Prediction of fat mass from anthropometry at ages 7 to 9 years in Samoans: a cross-sectional study in the Ola Tuputupua’e cohort



With increasing obesity prevalence in children globally, accurate and practical methods for quantifying body fat are critical for effective monitoring and prevention, particularly in high-risk settings. No population is at higher risk of obesity than Pacific Islanders, including children living in the independent nation of Samoa. We developed and validated sex-specific prediction models for fat mass in Samoan children.


Dual X-ray absorptiometry (DXA) assessments of fat mass and weight, height, circumferences, and skinfolds were obtained from 356 children aged 7–9 years old in the Ola Tuputupua’e “Growing Up” study. Sex-specific models were developed from a randomly selected model development sample (n = 118 females, n = 120 males) using generalized linear regressions. In a validation sample (n = 59 females; n = 59 males), Lin’s concordance and Bland-Altman limits-of-agreement (LoA) of DXA-derived and predicted fat mass from this study and other published models were examined to assess precision and accuracy.
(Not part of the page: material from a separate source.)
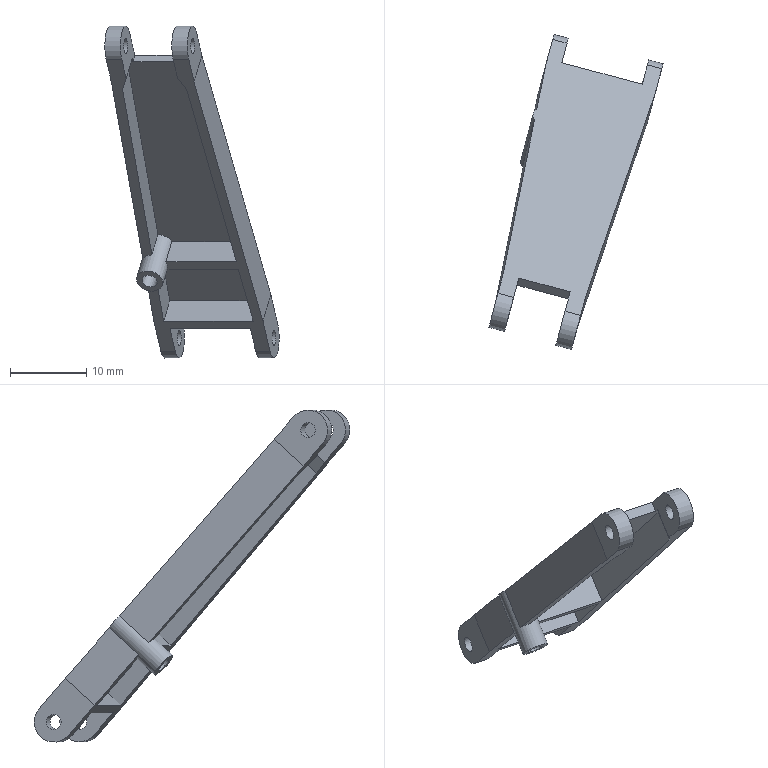Component | NX | CONNECTING_ROD | 1 solid | 40 faces | volume 1569 mm3 | plane 29 | cylinder 10 | cone 1 | commonest cylinder face diameters 2 x5 5.292 x4 3.52 x1

Models to predict fat mass in kilograms were: e^[(−0.0034355 * Age8 − 0.0059041 * Age9 + 1.660441 * ln (Weight (kg))−0.0087281 * Height (cm) + 0.1393258 * ln[Suprailiac (mm)] − 2.661793)] for females and e^[−0.0409724 * Age8 − 0.0549923 * Age9 + 336.8575 * [Weight (kg)]−2 − 22.34261 * ln (Weight (kg)) [Weight (kg)]−1 + 0.0108696 * Abdominal (cm) + 6.811015 * Subscapular (mm)−2 − 8.642559 * ln (Subscapular (mm)) Subscapular (mm)−2 − 1.663095 * Tricep (mm)−1 + 3.849035]for males, where Age8 = Age9 = 0 for children at age 7 years, Age8 = 1 and Age9 = 0 at 8 years, Age8 = 0 and Age9 = 1 at 9 years. Models showed high predictive ability, with substantial concordance (ρC > 0.96), and agreement between DXA-derived and model-predicted fat mass (LoA female = −0.235, 95% CI:−2.924–2.453; male = −0.202, 95% CI:−1.977–1.572). Only one of four existing models, developed in a non-Samoan sample, accurately predicted fat mass among Samoan children.


We developed models that predicted fat mass in Samoans aged 7–9 years old with greater precision and accuracy than the majority of existing models that were tested. Monitoring adiposity in children with these models may inform future obesity prevention and interventions.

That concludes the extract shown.